Overcoming Nature's Obstacles
The MD 97 Relocation Construction Project addressed both common and uncommon construction challenges as it progressed, according to Allman. “There was a heavy presence of rock subgrades throughout the project as well as native soils with higher than optimum moisture content,” he said. “Additionally, we had limited areas to stockpile suitable fill material within the project limits. Excavated material from Maintenance of Traffic (MOT) Phase 1 was needed as fill in MOT Phase 2.

“Construction of a wetland mitigation site was required, to mitigate the permanent environmental impacts to wetlands and waters of the U.S. It is at an off-site location along Brighten Dam Road. We also constructed a new ball field at the Longwood Community Center after negotiations between [MDOT] SHA and the Maryland-National Capital Park and Planning Commission [M-NCPPC]. The existing ball field was impacted by the new roadway and a new, relocated ball field was constructed according to M-NCPPC specifications.”

To address the challenges, some uncommon construction methods were utilized. Due to the heavy presence of rock subgrades, the scope of work included blasting in areas for the alignment of the new bypass. This required pre-construction and post-construction surveys at four properties adjacent to the work area. The surveys were used to identify the structures’ existing conditions and determine the extent of any damage (if any) which may have resulted from construction activities.

“The contractor also had to hire a Seismologist who was responsible for monitoring vibrations before and during construction operations,” Allman said. “Seismic monitoring with multiple geophones was required and a monitoring plan had to be prepared and submitted for approval, which included the type and layout of sensing devices. Allowable vibration levels in the vicinity of the adjacent properties were not to exceed 0.5 inches per second greater than the vibration levels observed during pre-construction vibration monitoring.”

To manage the increased volume of runoff caused by the newly constructed bypass and the subsequent increase in impervious area, the project utilized two large underground SWM structures. The decision to use underground structures for SWM stemmed from working around limited right-of-way and minimizing impacts to nearby environmentally sensitive areas and potential archaeological sites.

“To help maintain traffic flow during the work, the project utilized single-lane closures, shoulder closures, and flagging operations,” Allman said. “We also implemented a road closure and detour of Brookeville Road to expedite the sewer line and the Brookeville Road roundabout construction.
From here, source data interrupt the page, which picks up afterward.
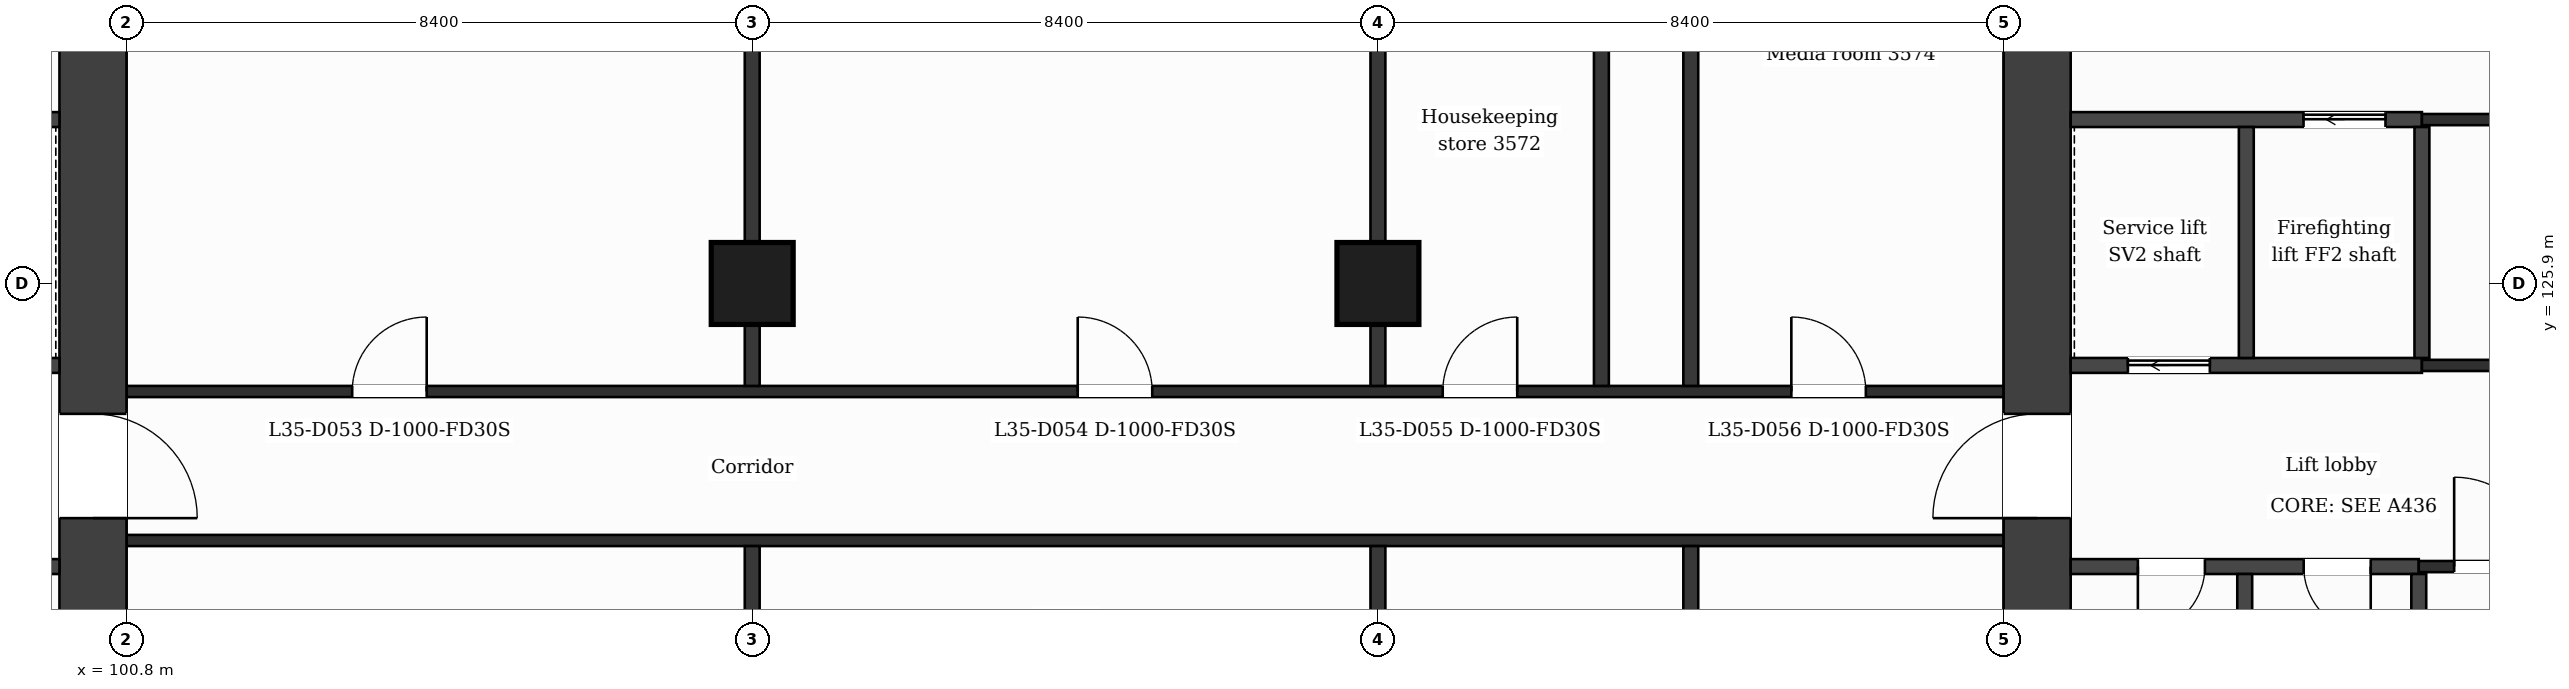
"""IFC4 building model, lengths in metres.
Left out: names, types, materials, properties, quantities, classifications, styles, units other than length and angle.
Written with IfcOpenShell. Run it as: python <this file> out.ifc"""

import sys

from ifc_helpers import new_model, si_unit, direction, frame, frame_2d, origin, origin_2d, place, context, subcontext, project, spatial, rectangle, extrude, element, fill, save


model = new_model("IFC4")
c1 = context("Model", 3, precision=1e-05, world=origin(), true_north=direction((0.0, 1.0)))
c2 = subcontext(c1, "Body", "Model", "MODEL_VIEW")
j1 = project(units=[si_unit("LENGTHUNIT", "METRE"), si_unit("PLANEANGLEUNIT", "RADIAN")], contexts=[c1])
p1 = place(None, origin())
s1 = spatial("IfcSite", under=j1, at=p1, CompositionType="ELEMENT")
p2 = place(p1, origin())
s2 = spatial("IfcBuilding", under=s1, at=p2, CompositionType="ELEMENT")
p3 = place(p2, frame((0.0, 0.0, 151.5)))
s3 = spatial("IfcBuildingStorey", under=s2, at=p3, CompositionType="ELEMENT", Elevation=151.5)
p4 = place(p3, frame((100.35, 131.95, 0.0), z_axis=(0.0, 0.0, 1.0), x_axis=(0.0, -1.0, 0.0)))
e1 = element("IfcWall", 1, at=p4, inside=s3, PredefinedType="SHEAR", context=c2, shape_type="SweptSolid", body=[
    extrude(rectangle(XDim=21.1, YDim=0.9, at=frame_2d((10.55, 0.0))), origin(), (0.0, 0.0, 1.0), 3.7),
])
p5 = place(p4, frame((7.8, 0.0, 0.0)))
e2 = element("IfcOpeningElement", 2, at=p5, cuts=e1, PredefinedType="OPENING", context=c2, shape_type="SweptSolid", body=[
    extrude(rectangle(XDim=1.4, YDim=2.1, at=frame_2d((0.7, 1.05))), frame((0.0, 0.46, 0.0), z_axis=(0.0, -1.0, 0.0), x_axis=(1.0, 0.0, 0.0)), (0.0, 0.0, 1.0), 0.92),
])
p6 = place(p3, frame((126.45, 110.85, 0.0), z_axis=(0.0, 0.0, 1.0), x_axis=(0.0, 1.0, 0.0)))
e3 = element("IfcWall", 3, at=p6, inside=s3, PredefinedType="SHEAR", context=c2, shape_type="SweptSolid", body=[
    extrude(rectangle(XDim=21.1, YDim=0.9, at=frame_2d((10.55, 0.0))), origin(), (0.0, 0.0, 1.0), 3.7),
])
p7 = place(p6, frame((11.9, 0.0, 0.0)))
e4 = element("IfcOpeningElement", 4, at=p7, cuts=e3, PredefinedType="OPENING", context=c2, shape_type="SweptSolid", body=[
    extrude(rectangle(XDim=1.4, YDim=2.1, at=frame_2d((0.7, 1.05))), frame((0.0, 0.46, 0.0), z_axis=(0.0, -1.0, 0.0), x_axis=(1.0, 0.0, 0.0)), (0.0, 0.0, 1.0), 0.92),
])
for number, where, z_axis, x_axis in (
    (5, (109.2, 125.9, 0.0), (0.0, 0.0, 1.0), (1.0, 0.0, 0.0)),
    (6, (117.6, 125.9, 0.0), (0.0, 0.0, 1.0), (1.0, 0.0, 0.0)),
):
    element("IfcColumn", number, at=place(p3, frame(where, z_axis=z_axis, x_axis=x_axis)), inside=s3, PredefinedType="COLUMN", context=c2, shape_type="SweptSolid", body=[
        extrude(rectangle(XDim=1.1, YDim=1.1, at=origin_2d()), origin(), (0.0, 0.0, 1.0), 3.7),
    ])
p8 = place(p3, frame((95.227, 122.1, 0.0), z_axis=(0.0, 0.0, 1.0), x_axis=(1.0, 0.0, 0.0)))
e7 = element("IfcWall", 7, at=p8, inside=s3, PredefinedType="PARTITIONING", context=c2, shape_type="SweptSolid", body=[
    extrude(rectangle(XDim=4.673, YDim=0.2, at=frame_2d((2.336, 0.0))), origin(), (0.0, 0.0, 1.0), 3.38),
])
p9 = place(p8, frame((0.718, 0.0, 0.0)))
e8 = element("IfcOpeningElement", 8, at=p9, cuts=e7, PredefinedType="OPENING", context=c2, shape_type="SweptSolid", body=[
    extrude(rectangle(XDim=0.9, YDim=2.1, at=frame_2d((0.45, 1.05))), frame((0.0, 0.11, 0.0), z_axis=(0.0, -1.0, 0.0), x_axis=(1.0, 0.0, 0.0)), (0.0, 0.0, 1.0), 0.22),
])
p10 = place(p8, frame((3.055, 0.0, 0.0)))
e9 = element("IfcOpeningElement", 9, at=p10, cuts=e7, PredefinedType="OPENING", context=c2, shape_type="SweptSolid", body=[
    extrude(rectangle(XDim=0.9, YDim=2.1, at=frame_2d((0.45, 1.05))), frame((0.0, 0.11, 0.0), z_axis=(0.0, -1.0, 0.0), x_axis=(1.0, 0.0, 0.0)), (0.0, 0.0, 1.0), 0.22),
])
p11 = place(p3, frame((126.9, 122.1, 0.0), z_axis=(0.0, 0.0, 1.0), x_axis=(1.0, 0.0, 0.0)))
e10 = element("IfcWall", 10, at=p11, inside=s3, PredefinedType="PARTITIONING", context=c2, shape_type="SweptSolid", body=[
    extrude(rectangle(XDim=4.673, YDim=0.2, at=frame_2d((2.336, 0.0))), origin(), (0.0, 0.0, 1.0), 3.38),
])
p12 = place(p11, frame((3.128, 0.0, 0.0)))
e11 = element("IfcOpeningElement", 11, at=p12, cuts=e10, PredefinedType="OPENING", context=c2, shape_type="SweptSolid", body=[
    extrude(rectangle(XDim=0.9, YDim=2.1, at=frame_2d((0.45, 1.05))), frame((0.0, 0.11, 0.0), z_axis=(0.0, -1.0, 0.0), x_axis=(1.0, 0.0, 0.0)), (0.0, 0.0, 1.0), 0.22),
])
p13 = place(p11, frame((0.902, 0.0, 0.0)))
e12 = element("IfcOpeningElement", 12, at=p13, cuts=e10, PredefinedType="OPENING", context=c2, shape_type="SweptSolid", body=[
    extrude(rectangle(XDim=0.9, YDim=2.1, at=frame_2d((0.45, 1.05))), frame((0.0, 0.11, 0.0), z_axis=(0.0, -1.0, 0.0), x_axis=(1.0, 0.0, 0.0)), (0.0, 0.0, 1.0), 0.22),
])
p14 = place(p3, frame((131.573, 122.1, 0.0), z_axis=(0.0, 0.0, 1.0), x_axis=(1.0, 0.0, 0.0)))
e13 = element("IfcWall", 13, at=p14, inside=s3, PredefinedType="PARTITIONING", context=c2, shape_type="SweptSolid", body=[
    extrude(rectangle(XDim=2.4, YDim=0.15, at=frame_2d((1.2, 0.0))), origin(), (0.0, 0.0, 1.0), 3.38),
])
p15 = place(p14, frame((0.475, 0.0, 0.0)))
e14 = element("IfcOpeningElement", 14, at=p15, cuts=e13, PredefinedType="OPENING", context=c2, shape_type="SweptSolid", body=[
    extrude(rectangle(XDim=1.2, YDim=2.1, at=frame_2d((0.6, 1.05))), frame((0.0, 0.085, 0.0), z_axis=(0.0, -1.0, 0.0), x_axis=(1.0, 0.0, 0.0)), (0.0, 0.0, 1.0), 0.17),
])
p16 = place(p3, frame((100.8, 122.45, 0.0), z_axis=(0.0, 0.0, 1.0), x_axis=(1.0, 0.0, 0.0)))
e15 = element("IfcWall", 15, at=p16, inside=s3, PredefinedType="PARTITIONING", context=c2, shape_type="SweptSolid", body=[
    extrude(rectangle(XDim=25.2, YDim=0.15, at=frame_2d((12.6, 0.0))), origin(), (0.0, 0.0, 1.0), 3.38),
])
p17 = place(p3, frame((100.8, 124.45, 0.0), z_axis=(0.0, 0.0, 1.0), x_axis=(1.0, 0.0, 0.0)))
e16 = element("IfcWall", 16, at=p17, inside=s3, PredefinedType="PARTITIONING", context=c2, shape_type="SweptSolid", body=[
    extrude(rectangle(XDim=25.2, YDim=0.15, at=frame_2d((12.6, 0.0))), origin(), (0.0, 0.0, 1.0), 3.38),
])
p18 = place(p17, frame((3.03, 0.0, 0.0)))
e17 = element("IfcOpeningElement", 17, at=p18, cuts=e16, PredefinedType="OPENING", context=c2, shape_type="SweptSolid", body=[
    extrude(rectangle(XDim=1.0, YDim=2.1, at=frame_2d((0.5, 1.05))), frame((0.0, 0.085, 0.0), z_axis=(0.0, -1.0, 0.0), x_axis=(1.0, 0.0, 0.0)), (0.0, 0.0, 1.0), 0.17),
])
p19 = place(p17, frame((12.77, 0.0, 0.0)))
e18 = element("IfcOpeningElement", 18, at=p19, cuts=e16, PredefinedType="OPENING", context=c2, shape_type="SweptSolid", body=[
    extrude(rectangle(XDim=1.0, YDim=2.1, at=frame_2d((0.5, 1.05))), frame((0.0, 0.085, 0.0), z_axis=(0.0, -1.0, 0.0), x_axis=(1.0, 0.0, 0.0)), (0.0, 0.0, 1.0), 0.17),
])
p20 = place(p17, frame((17.67, 0.0, 0.0)))
e19 = element("IfcOpeningElement", 19, at=p20, cuts=e16, PredefinedType="OPENING", context=c2, shape_type="SweptSolid", body=[
    extrude(rectangle(XDim=1.0, YDim=2.1, at=frame_2d((0.5, 1.05))), frame((0.0, 0.085, 0.0), z_axis=(0.0, -1.0, 0.0), x_axis=(1.0, 0.0, 0.0)), (0.0, 0.0, 1.0), 0.17),
])
p21 = place(p17, frame((22.35, 0.0, 0.0)))
e20 = element("IfcOpeningElement", 20, at=p21, cuts=e16, PredefinedType="OPENING", context=c2, shape_type="SweptSolid", body=[
    extrude(rectangle(XDim=1.0, YDim=2.1, at=frame_2d((0.5, 1.05))), frame((0.0, 0.085, 0.0), z_axis=(0.0, -1.0, 0.0), x_axis=(1.0, 0.0, 0.0)), (0.0, 0.0, 1.0), 0.17),
])
p22 = place(p3, frame((92.702, 124.8, 0.0), z_axis=(0.0, 0.0, 1.0), x_axis=(1.0, 0.0, 0.0)))
e21 = element("IfcWall", 21, at=p22, inside=s3, PredefinedType="PARTITIONING", context=c2, shape_type="SweptSolid", body=[
    extrude(rectangle(XDim=7.198, YDim=0.2, at=frame_2d((3.599, 0.0))), origin(), (0.0, 0.0, 1.0), 3.38),
])
p23 = place(p22, frame((5.609, 0.0, 0.0)))
e22 = element("IfcOpeningElement", 22, at=p23, cuts=e21, PredefinedType="OPENING", context=c2, shape_type="SweptSolid", body=[
    extrude(rectangle(XDim=1.1, YDim=2.1, at=frame_2d((0.55, 1.05))), frame((0.0, 0.11, 0.0), z_axis=(0.0, -1.0, 0.0), x_axis=(1.0, 0.0, 0.0)), (0.0, 0.0, 1.0), 0.22),
])
p24 = place(p3, frame((126.9, 124.8, 0.0), z_axis=(0.0, 0.0, 1.0), x_axis=(1.0, 0.0, 0.0)))
e23 = element("IfcWall", 23, at=p24, inside=s3, PredefinedType="PARTITIONING", context=c2, shape_type="SweptSolid", body=[
    extrude(rectangle(XDim=4.715, YDim=0.2, at=frame_2d((2.358, 0.0))), origin(), (0.0, 0.0, 1.0), 3.38),
])
p25 = place(p24, frame((0.768, 0.0, 0.0)))
e24 = element("IfcOpeningElement", 24, at=p25, cuts=e23, PredefinedType="OPENING", context=c2, shape_type="SweptSolid", body=[
    extrude(rectangle(XDim=1.1, YDim=2.1, at=frame_2d((0.55, 1.05))), frame((0.0, 0.11, 0.0), z_axis=(0.0, -1.0, 0.0), x_axis=(1.0, 0.0, 0.0)), (0.0, 0.0, 1.0), 0.22),
])
p26 = place(p3, frame((131.615, 124.8, 0.0), z_axis=(0.0, 0.0, 1.0), x_axis=(1.0, 0.0, 0.0)))
e25 = element("IfcWall", 25, at=p26, inside=s3, PredefinedType="PARTITIONING", context=c2, shape_type="SweptSolid", body=[
    extrude(rectangle(XDim=2.483, YDim=0.15, at=frame_2d((1.241, 0.0))), origin(), (0.0, 0.0, 1.0), 3.38),
])
p27 = place(p3, frame((92.827, 128.1, 0.0), z_axis=(0.0, 0.0, 1.0), x_axis=(1.0, 0.0, 0.0)))
e26 = element("IfcWall", 26, at=p27, inside=s3, PredefinedType="PARTITIONING", context=c2, shape_type="SweptSolid", body=[
    extrude(rectangle(XDim=7.073, YDim=0.2, at=frame_2d((3.537, 0.0))), origin(), (0.0, 0.0, 1.0), 3.38),
])
p28 = place(p27, frame((3.042, 0.0, 0.0)))
e27 = element("IfcOpeningElement", 27, at=p28, cuts=e26, PredefinedType="OPENING", context=c2, shape_type="SweptSolid", body=[
    extrude(rectangle(XDim=1.1, YDim=2.1, at=frame_2d((0.55, 1.05))), frame((0.0, 0.11, 0.0), z_axis=(0.0, -1.0, 0.0), x_axis=(1.0, 0.0, 0.0)), (0.0, 0.0, 1.0), 0.22),
])
p29 = place(p3, frame((126.9, 128.1, 0.0), z_axis=(0.0, 0.0, 1.0), x_axis=(1.0, 0.0, 0.0)))
e28 = element("IfcWall", 28, at=p29, inside=s3, PredefinedType="PARTITIONING", context=c2, shape_type="SweptSolid", body=[
    extrude(rectangle(XDim=4.715, YDim=0.2, at=frame_2d((2.358, 0.0))), origin(), (0.0, 0.0, 1.0), 3.38),
])
p30 = place(p29, frame((3.126, 0.0, 0.0)))
e29 = element("IfcOpeningElement", 29, at=p30, cuts=e28, PredefinedType="OPENING", context=c2, shape_type="SweptSolid", body=[
    extrude(rectangle(XDim=1.1, YDim=2.1, at=frame_2d((0.55, 1.05))), frame((0.0, 0.11, 0.0), z_axis=(0.0, -1.0, 0.0), x_axis=(1.0, 0.0, 0.0)), (0.0, 0.0, 1.0), 0.22),
])
p31 = place(p3, frame((131.615, 128.1, 0.0), z_axis=(0.0, 0.0, 1.0), x_axis=(1.0, 0.0, 0.0)))
e30 = element("IfcWall", 30, at=p31, inside=s3, PredefinedType="PARTITIONING", context=c2, shape_type="SweptSolid", body=[
    extrude(rectangle(XDim=2.358, YDim=0.15, at=frame_2d((1.179, 0.0))), origin(), (0.0, 0.0, 1.0), 3.38),
])
p32 = place(p3, frame((109.2, 109.075, 0.0), z_axis=(0.0, 0.0, 1.0), x_axis=(0.0, 1.0, 0.0)))
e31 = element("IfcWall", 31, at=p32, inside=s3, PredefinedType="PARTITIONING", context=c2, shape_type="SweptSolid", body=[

Communication to area drivers utilized [MDOT] SHA’s Project Portal page in cooperation with the District 3 Community Relations Manager to provide e-blasts and Upcoming Project Activity Notices. A press release was also written at the beginning of construction.”

Safety, Efficiency, and Preservation
The MD 97 Relocation Project/new Brookeville Bypass will enhance safety, reduce travel times, and preserve the historic nature of the town of Brookeville while ensuring that commuters have access to businesses, churches, and recreation.

“There is an economic benefit to the historical district of Brookeville in that the traffic reduction will reduce congestion, roadway usage, and reduce potential crashes with pedestrians along with off-road impacts to residential structures,” Allman said. “The delays associated with the three-way stop at the High Street, Market Street, and Brighton Dam intersection, which is an impediment to free-flowing traffic, is now substituted with a free-flowing section that reduces traffic build up and travel times.”